Durante
los siglos XVIII y XIX, el discurso humanista e idealista trataba la belleza
clásica como el medio para alcanzar las verdades interiores. Lo antiguo, desde
la óptica de una era emancipatoria, es renegociado como la ausencia de lo
superfluo, lo banal. Por el contrario, encarna la belleza pura liberada de la
autoridad y revela la armonía interna. Representaba la simplicidad y lo puro (a
través del Neoclasicismo) frente al recargamiento ornamental rococó. Es la
retórica del impersonal mármol blanco y la negación del color.
Para
el idealismo neoclásico, entonces, la esencia del arte es la esencia de la
humanidad misma que ha alcanzado su apogeo a mediados del siglo V a.e.c., en el
llamado período ateniense de Pericles. Los siglos XVI y XVII habían sido de
curiosidad y experimentación sobre lo clásico; el siglo XVIII, sin embargo, lo
fue del conocimiento y la habilidad de argumentar acerca de la belleza y el
gusto, dando lugar a la definición del arte ideal, entendido como superior a
los demás. La sistematización de objetos de anticuario en un sistema
lógicamente clasificado, sobre la base del estilo, ha sido una de las grandes
aportaciones de J.J. Winckelmann. Fue el generador de una sistematización del
estilo bajo la extendida esfera del idealismo, factor que creó un nuevo, y
perdurable, lenguaje de recepción del arte clásico.
La
perfección de la Atenas de la época de Pericles se pudo medir a través de dos
estilos distintivos, el elevado y el bello. El primero, resumido en el trabajo
de un Fidias o de un Policleto, surge encima de la naturaleza y la humanidad
para traducir lo sublime, lo inmaterial y la esencia escondida de la humanidad,
que maravilla y deja sin aliento; el estilo bello, por su parte, en segunda
parte del siglo V a.e.c., y que se puede observar en los trabajos de Praxíteles
y Lisipo, ejemplifica la carne, la sensualidad, el aspecto material de la
belleza que existe en la realidad externa y que puede ser disfrutada por el ojo
entrenado o descrita en pulcros y rigurosos escritos.
Ambos
estilos no habrían podido tener el mismo impacto de haber sido tratados como
fenómenos singulares en la Atenas del siglo V a.e.c. Winckelmann, de hecho, los
conceptualizó dentro de un esquema de surgimiento y declive, que incluía cuatro
fases características, una primera, fuente de inspiración de la posterior
producción artística (la arcaica); otra, austera (la clásica antigua de
Fidias); la clásica tardía de Praxíteles y; finalmente, una fase de imitación y
declive (asociada al Helenismo y a la Roma imperial.
Por
otra parte, desde fines del siglo XVIII en adelante, la entrada de la cronología en los espacios museísticos se
convierte en un factor ordenador de los estilos, las escuelas, los artistas o
las eras, estableciendo unas líneas que van desde el pasado al futuro. Los
museos harán de la idea de la progresión histórica un uso didáctico capital.
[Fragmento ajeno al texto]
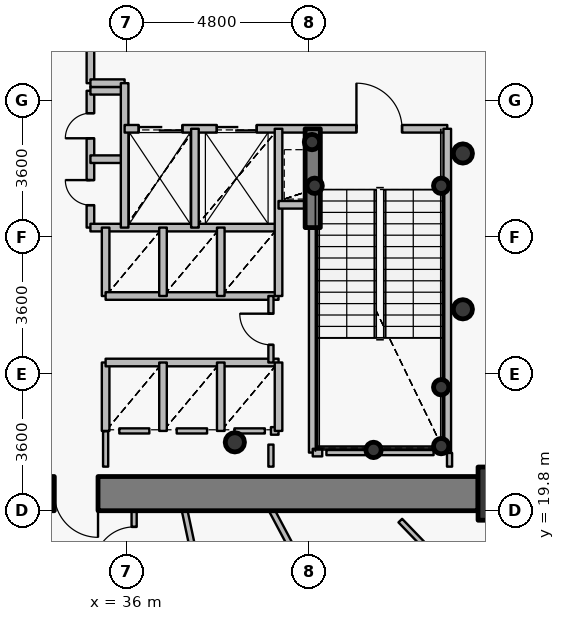
"""IFC4 building model, lengths in metres.
Left out: names, types, materials, properties, quantities, classifications, styles, units other than length and angle.
Written with IfcOpenShell. Run it as: python <this file> out.ifc"""

import sys

from ifc_helpers import new_model, si_unit, direction, frame, frame_2d, origin, origin_2d, place, context, subcontext, project, spatial, rectangle, hollow_circle, extrude, source, transform, mapped, element, fill, save


model = new_model("IFC4")
c1 = context("Model", 3, precision=1e-05, world=origin(), true_north=direction((0.0, 1.0)))
c2 = subcontext(c1, "Body", "Model", "MODEL_VIEW")
j1 = project(units=[si_unit("LENGTHUNIT", "METRE"), si_unit("PLANEANGLEUNIT", "RADIAN")], contexts=[c1])
p1 = place(None, origin())
s1 = spatial("IfcSite", under=j1, at=p1, CompositionType="ELEMENT")
p2 = place(p1, origin())
s2 = spatial("IfcBuilding", under=s1, at=p2, CompositionType="ELEMENT")
p3 = place(p2, frame((0.0, 0.0, 18.6)))
s3 = spatial("IfcBuildingStorey", under=s2, at=p3, CompositionType="ELEMENT", Elevation=18.6)
p4 = place(p3, frame((45.95, 20.25, 0.0), z_axis=(0.0, 0.0, 1.0), x_axis=(1.0, 0.0, 0.0)))
e1 = element("IfcColumn", 1, at=p4, inside=s3, PredefinedType="COLUMN", context=c2, shape_type="SweptSolid", body=[
    extrude(rectangle(XDim=1.4, YDim=1.4, at=origin_2d()), origin(), (0.0, 0.0, 1.0), 4.2),
])
p5 = place(p3, frame((38.85, 21.6, 0.0), z_axis=(0.0, 0.0, 1.0), x_axis=(1.0, 0.0, 0.0)))
e2 = element("IfcColumn", 2, at=p5, inside=s3, PredefinedType="COLUMN", context=c2, shape_type="SweptSolid", body=[
    extrude(hollow_circle(Radius=0.254, WallThickness=0.02, at=origin_2d()), origin(), (0.0, 0.0, 1.0), 4.2),
])
for number, where, z_axis, x_axis in (
    (3, (44.28, 21.5, 0.0), (0.0, 0.0, 1.0), (1.0, 0.0, 0.0)),
    (4, (44.28, 23.05, 0.0), (0.0, 0.0, 1.0), (1.0, 0.0, 0.0)),
    (5, (42.5, 21.4, 0.0), (0.0, 0.0, 1.0), (1.0, 0.0, 0.0)),
    (6, (40.95, 28.35, 0.0), (0.0, 0.0, 1.0), (1.0, 0.0, 0.0)),
    (7, (44.28, 28.35, 0.0), (0.0, 0.0, 1.0), (1.0, 0.0, 0.0)),
    (8, (40.88, 29.5, 0.0), (0.0, 0.0, 1.0), (1.0, 0.0, 0.0)),
):
    element("IfcColumn", number, at=place(p3, frame(where, z_axis=z_axis, x_axis=x_axis)), inside=s3, PredefinedType="COLUMN", context=c2, shape_type="SweptSolid", body=[
        extrude(hollow_circle(Radius=0.203, WallThickness=0.016, at=origin_2d()), origin(), (0.0, 0.0, 1.0), 4.2),
    ])
p6 = place(p3, frame((45.25, 20.25, 0.0), z_axis=(0.0, 0.0, 1.0), x_axis=(-1.0, 0.0, 0.0)))
e9 = element("IfcWall", 9, at=p6, inside=s3, PredefinedType="SHEAR", context=c2, shape_type="SweptSolid", body=[
    extrude(rectangle(XDim=18.5, YDim=0.9, at=frame_2d((9.25, 0.0))), origin(), (0.0, 0.0, 1.0), 3.35),
])
p7 = place(p6, frame((10.0, 0.0, 0.0)))
e10 = element("IfcOpeningElement", 10, at=p7, cuts=e9, PredefinedType="OPENING", context=c2, shape_type="SweptSolid", body=[
    extrude(rectangle(XDim=1.15, YDim=2.15, at=origin_2d()), frame((0.575, 0.46, 1.075), z_axis=(0.0, -1.0, 0.0), x_axis=(1.0, 0.0, 0.0)), (0.0, 0.0, 1.0), 0.92),
])
p8 = place(p3, frame((40.9, 27.25, 0.0), z_axis=(0.0, 0.0, 1.0), x_axis=(0.0, 1.0, 0.0)))
e11 = element("IfcWall", 11, at=p8, inside=s3, PredefinedType="SHEAR", context=c2, shape_type="SweptSolid", body=[
    extrude(rectangle(XDim=2.6, YDim=0.4, at=frame_2d((1.3, 0.0))), origin(), (0.0, 0.0, 1.0), 3.5),
])
for number, where, z_axis, x_axis in (
    (12, (44.85, 25.1, 0.0), (0.0, 0.0, 1.0), (1.0, 0.0, 0.0)),
    (13, (44.85, 29.2, 0.0), (0.0, 0.0, 1.0), (1.0, 0.0, 0.0)),
):
    element("IfcColumn", number, at=place(p3, frame(where, z_axis=z_axis, x_axis=x_axis)), inside=s3, PredefinedType="COLUMN", context=c2, shape_type="SweptSolid", body=[
        extrude(hollow_circle(Radius=0.254, WallThickness=0.02, at=origin_2d()), origin(), (0.0, 0.0, 1.0), 4.2),
    ])
p9 = place(p3, frame((35.05, 27.25, 0.0), z_axis=(0.0, 0.0, 1.0), x_axis=(0.0, 1.0, 0.0)))
e14 = element("IfcWall", 14, at=p9, inside=s3, PredefinedType="PARTITIONING", context=c2, shape_type="SweptSolid", body=[
    extrude(rectangle(XDim=3.6, YDim=0.2, at=frame_2d((1.8, 0.0))), origin(), (0.0, 0.0, 1.0), 3.9),
])
p10 = place(p9, frame((0.59, 0.0, 0.0)))
e15 = element("IfcOpeningElement", 15, at=p10, cuts=e14, PredefinedType="OPENING", context=c2, shape_type="SweptSolid", body=[
    extrude(rectangle(XDim=0.66, YDim=2.05, at=origin_2d()), frame((0.33, 0.11, 1.025), z_axis=(0.0, -1.0, 0.0), x_axis=(1.0, 0.0, 0.0)), (0.0, 0.0, 1.0), 0.22),
])
p11 = place(p9, frame((2.35, 0.0, 0.0)))
e16 = element("IfcOpeningElement", 16, at=p11, cuts=e14, PredefinedType="OPENING", context=c2, shape_type="SweptSolid", body=[
    extrude(rectangle(XDim=0.66, YDim=2.05, at=origin_2d()), frame((0.33, 0.11, 1.025), z_axis=(0.0, -1.0, 0.0), x_axis=(1.0, 0.0, 0.0)), (0.0, 0.0, 1.0), 0.22),
])
p12 = place(p3, frame((35.05, 27.25, 0.0), z_axis=(0.0, 0.0, 1.0), x_axis=(1.0, 0.0, 0.0)))
e17 = element("IfcWall", 17, at=p12, inside=s3, PredefinedType="PARTITIONING", context=c2, shape_type="SweptSolid", body=[
    extrude(rectangle(XDim=4.95, YDim=0.2, at=frame_2d((2.475, 0.0))), origin(), (0.0, 0.0, 1.0), 3.485),
])
for number, where, z_axis, x_axis in (
    (18, (35.05, 29.05, 0.0), (0.0, 0.0, 1.0), (1.0, 0.0, 0.0)),
    (19, (35.05, 30.85, 0.0), (0.0, 0.0, 1.0), (1.0, 0.0, 0.0)),
):
    element("IfcWall", number, at=place(p3, frame(where, z_axis=z_axis, x_axis=x_axis)), inside=s3, PredefinedType="PARTITIONING", context=c2, shape_type="SweptSolid", body=[
        extrude(rectangle(XDim=0.9, YDim=0.2, at=frame_2d((0.45, 0.0))), origin(), (0.0, 0.0, 1.0), 3.9),
    ])
p13 = place(p3, frame((35.05, 31.05, 0.0), z_axis=(0.0, 0.0, 1.0), x_axis=(0.0, 1.0, 0.0)))
e20 = element("IfcWall", 20, at=p13, inside=s3, PredefinedType="PARTITIONING", context=c2, shape_type="SweptSolid", body=[
    extrude(rectangle(XDim=2.25, YDim=0.2, at=frame_2d((1.125, 0.0))), origin(), (0.0, 0.0, 1.0), 3.485),
])
p14 = place(p3, frame((35.05, 31.05, 0.0), z_axis=(0.0, 0.0, 1.0), x_axis=(1.0, 0.0, 0.0)))
e21 = element("IfcWall", 21, at=p14, inside=s3, PredefinedType="PARTITIONING", context=c2, shape_type="SweptSolid", body=[
    extrude(rectangle(XDim=0.9, YDim=0.2, at=frame_2d((0.45, 0.0))), origin(), (0.0, 0.0, 1.0), 3.9),
])
p15 = place(p3, frame((35.45, 21.9, 0.0), z_axis=(0.0, 0.0, 1.0), x_axis=(0.0, 1.0, 0.0)))
e22 = element("IfcWall", 22, at=p15, inside=s3, PredefinedType="PARTITIONING", context=c2, shape_type="SweptSolid", body=[
    extrude(rectangle(XDim=1.8, YDim=0.2, at=frame_2d((0.9, 0.0))), origin(), (0.0, 0.0, 1.0), 3.9),
])
p16 = place(p3, frame((35.45, 23.7, 0.0), z_axis=(0.0, 0.0, 1.0), x_axis=(1.0, 0.0, 0.0)))
e23 = element("IfcWall", 23, at=p16, inside=s3, PredefinedType="PARTITIONING", context=c2, shape_type="SweptSolid", body=[
    extrude(rectangle(XDim=4.55, YDim=0.2, at=frame_2d((2.275, 0.0))), origin(), (0.0, 0.0, 1.0), 3.485),
])
p17 = place(p3, frame((35.45, 25.45, 0.0), z_axis=(0.0, 0.0, 1.0), x_axis=(0.0, 1.0, 0.0)))
e24 = element("IfcWall", 24, at=p17, inside=s3, PredefinedType="PARTITIONING", context=c2, shape_type="SweptSolid", body=[
    extrude(rectangle(XDim=1.8, YDim=0.2, at=frame_2d((0.9, 0.0))), origin(), (0.0, 0.0, 1.0), 3.9),
])
p18 = place(p3, frame((35.45, 25.45, 0.0), z_axis=(0.0, 0.0, 1.0), x_axis=(1.0, 0.0, 0.0)))
e25 = element("IfcWall", 25, at=p18, inside=s3, PredefinedType="PARTITIONING", context=c2, shape_type="SweptSolid", body=[
    extrude(rectangle(XDim=4.55, YDim=0.2, at=frame_2d((2.275, 0.0))), origin(), (0.0, 0.0, 1.0), 3.485),
])
p19 = place(p3, frame((35.95, 27.25, 0.0), z_axis=(0.0, 0.0, 1.0), x_axis=(0.0, 1.0, 0.0)))
e26 = element("IfcWall", 26, at=p19, inside=s3, PredefinedType="PARTITIONING", context=c2, shape_type="SweptSolid", body=[
    extrude(rectangle(XDim=3.8, YDim=0.2, at=frame_2d((1.9, 0.0))), origin(), (0.0, 0.0, 1.0), 3.9),
])
p20 = place(p3, frame((35.95, 29.85, 0.0), z_axis=(0.0, 0.0, 1.0), x_axis=(1.0, 0.0, 0.0)))
e27 = element("IfcWall", 27, at=p20, inside=s3, PredefinedType="PARTITIONING", context=c2, shape_type="SweptSolid", body=[
    extrude(rectangle(XDim=8.49, YDim=0.2, at=frame_2d((4.245, 0.0))), origin(), (0.0, 0.0, 1.0), 3.485),
])
p21 = place(p20, frame((6.1, 0.0, 0.0)))
e28 = element("IfcOpeningElement", 28, at=p21, cuts=e27, PredefinedType="OPENING", context=c2, shape_type="SweptSolid", body=[
    extrude(rectangle(XDim=1.2, YDim=2.15, at=origin_2d()), frame((0.6, 0.11, 1.075), z_axis=(0.0, -1.0, 0.0), x_axis=(1.0, 0.0, 0.0)), (0.0, 0.0, 1.0), 0.22),
])
p22 = place(p20, frame((0.37, 0.0, 0.0)))
e29 = element("IfcOpeningElement", 29, at=p22, cuts=e27, PredefinedType="OPENING", context=c2, shape_type="SweptSolid", body=[
    extrude(rectangle(XDim=1.15, YDim=2.15, at=origin_2d()), frame((0.575, 0.11, 1.075), z_axis=(0.0, -1.0, 0.0), x_axis=(1.0, 0.0, 0.0)), (0.0, 0.0, 1.0), 0.22),
])
p23 = place(p20, frame((2.425, 0.0, 0.0)))
e30 = element("IfcOpeningElement", 30, at=p23, cuts=e27, PredefinedType="OPENING", context=c2, shape_type="SweptSolid", body=[
    extrude(rectangle(XDim=1.05, YDim=2.15, at=origin_2d()), frame((0.525, 0.11, 1.075), z_axis=(0.0, -1.0, 0.0), x_axis=(1.0, 0.0, 0.0)), (0.0, 0.0, 1.0), 0.22),
])
p24 = place(p3, frame((36.2, 17.9, 0.0), z_axis=(0.0, 0.0, 1.0), x_axis=(0.0, 1.0, 0.0)))
e31 = element("IfcWall", 31, at=p24, inside=s3, PredefinedType="PARTITIONING", context=c2, shape_type="SweptSolid", body=[
    extrude(rectangle(XDim=1.9, YDim=0.135, at=frame_2d((0.95, 0.0))), origin(), (0.0, 0.0, 1.0), 3.085),
])
p25 = place(p24, frame((0.425, 0.0, 0.0)))
e32 = element("IfcOpeningElement", 32, at=p25, cuts=e31, PredefinedType="OPENING", context=c2, shape_type="SweptSolid", body=[
    extrude(rectangle(XDim=1.05, YDim=2.15, at=origin_2d()), frame((0.525, 0.078, 1.075), z_axis=(0.0, -1.0, 0.0), x_axis=(1.0, 0.0, 0.0)), (0.0, 0.0, 1.0), 0.155),
])
for number, where, z_axis, x_axis in (
    (33, (36.96, 21.9, 0.0), (0.0, 0.0, 1.0), (0.0, 1.0, 0.0)),
    (34, (36.96, 25.45, 0.0), (0.0, 0.0, 1.0), (0.0, 1.0, 0.0)),
):
    element("IfcWall", number, at=place(p3, frame(where, z_axis=z_axis, x_axis=x_axis)), inside=s3, PredefinedType="PARTITIONING", context=c2, shape_type="SweptSolid", body=[
        extrude(rectangle(XDim=1.8, YDim=0.2, at=frame_2d((0.9, 0.0))), origin(), (0.0, 0.0, 1.0), 3.9),
    ])
p26 = place(p3, frame((37.531, 19.8, 0.0), z_axis=(0.0, 0.0, 1.0), x_axis=(0.207904603096, -0.978149107249, 0.0)))
e35 = element("IfcWall", 35, at=p26, inside=s3, PredefinedType="PARTITIONING", context=c2, shape_type="SweptSolid", body=[
    extrude(rectangle(XDim=18.724, YDim=0.15, at=frame_2d((9.362, 0.0))), origin(), (0.0, 0.0, 1.0), 3.285),
])
p27 = place(p26, frame((8.837, 0.0, 0.0)))
e36 = element("IfcOpeningElement", 36, at=p27, cuts=e35, PredefinedType="OPENING", context=c2, shape_type="SweptSolid", body=[
    extrude(rectangle(XDim=1.05, YDim=2.15, at=origin_2d()), frame((0.525, 0.085, 1.075), z_axis=(0.0, -1.0, 0.0), x_axis=(1.0, 0.0, 0.0)), (0.0, 0.0, 1.0), 0.17),
])
p28 = place(p3, frame((37.8, 27.25, 0.0), z_axis=(0.0, 0.0, 1.0), x_axis=(0.0, 1.0, 0.0)))
e37 = element("IfcWall", 37, at=p28, inside=s3, PredefinedType="PARTITIONING", context=c2, shape_type="SweptSolid", body=[
    extrude(rectangle(XDim=2.6, YDim=0.2, at=frame_2d((1.3, 0.0))), origin(), (0.0, 0.0, 1.0), 3.9),
])
for number, where, z_axis, x_axis in (
    (38, (38.48, 21.9, 0.0), (0.0, 0.0, 1.0), (0.0, 1.0, 0.0)),
    (39, (38.48, 25.45, 0.0), (0.0, 0.0, 1.0), (0.0, 1.0, 0.0)),
):
    element("IfcWall", number, at=place(p3, frame(where, z_axis=z_axis, x_axis=x_axis)), inside=s3, PredefinedType="PARTITIONING", context=c2, shape_type="SweptSolid", body=[
        extrude(rectangle(XDim=1.8, YDim=0.2, at=frame_2d((0.9, 0.0))), origin(), (0.0, 0.0, 1.0), 3.9),
    ])
p29 = place(p3, frame((39.8, 21.9, 0.0), z_axis=(0.0, 0.0, 1.0), x_axis=(1.0, 0.0, 0.0)))
e40 = element("IfcWall", 40, at=p29, inside=s3, PredefinedType="PARTITIONING", context=c2, shape_type="SweptSolid", body=[
    extrude(rectangle(XDim=0.2, YDim=0.2, at=frame_2d((0.1, 0.0))), origin(), (0.0, 0.0, 1.0), 3.9),
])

Una concepción lineal del tiempo en movimiento, así como la creencia ilustrada
de que la vida, la historia y la producción artística evolucionó desde formas
primitivas a otras refinadas, hará posible que los museos puedan ser espacios
apropiados para “narrar” culturas, formalizando la cultura europea como la
guardiana de lo “antiguo”.
En
tal sentido, el establecimiento de grandes museos europeos o americanos (el
Británico, el Louvre, el Metropolitan, o el Arqueológico Nacional de Atenas,
sintetizan la idea de la antigüedad sobre el fundamento de la relación en
contrapunto entre el arte y la arqueología, entre la belleza y el sistema.
En
algunos grandes museos, el Británico por ejemplo, las tensiones entre el ideal de un sistema
(de aproximación histórica) y la tradición de la belleza-ideal, no histórica,
fueron evidentes durante el siglo XIX[1]
y hasta bien entrado el siglo XX. Los arqueólogos profesionales veían en las
distintas colecciones de arte clásico la posibilidad de reconstruir la
progresión lineal de la civilización (de acuerdo a los principios
darwinianos), así como de elaborar un
contexto geográfico, cultural y cronológico, mientras que los estetas, inspirados
por los valores intemporales del idealismo de Winckelmann, gustaban del aprecio
puro y esencial de las piezas. Se trataba, entonces, de la pugna entre
arqueología o arte idealista, contexto visual o evocación de las formas.
Vence,
finalmente el didacticismo basado en el contexto sobre la pura contemplación.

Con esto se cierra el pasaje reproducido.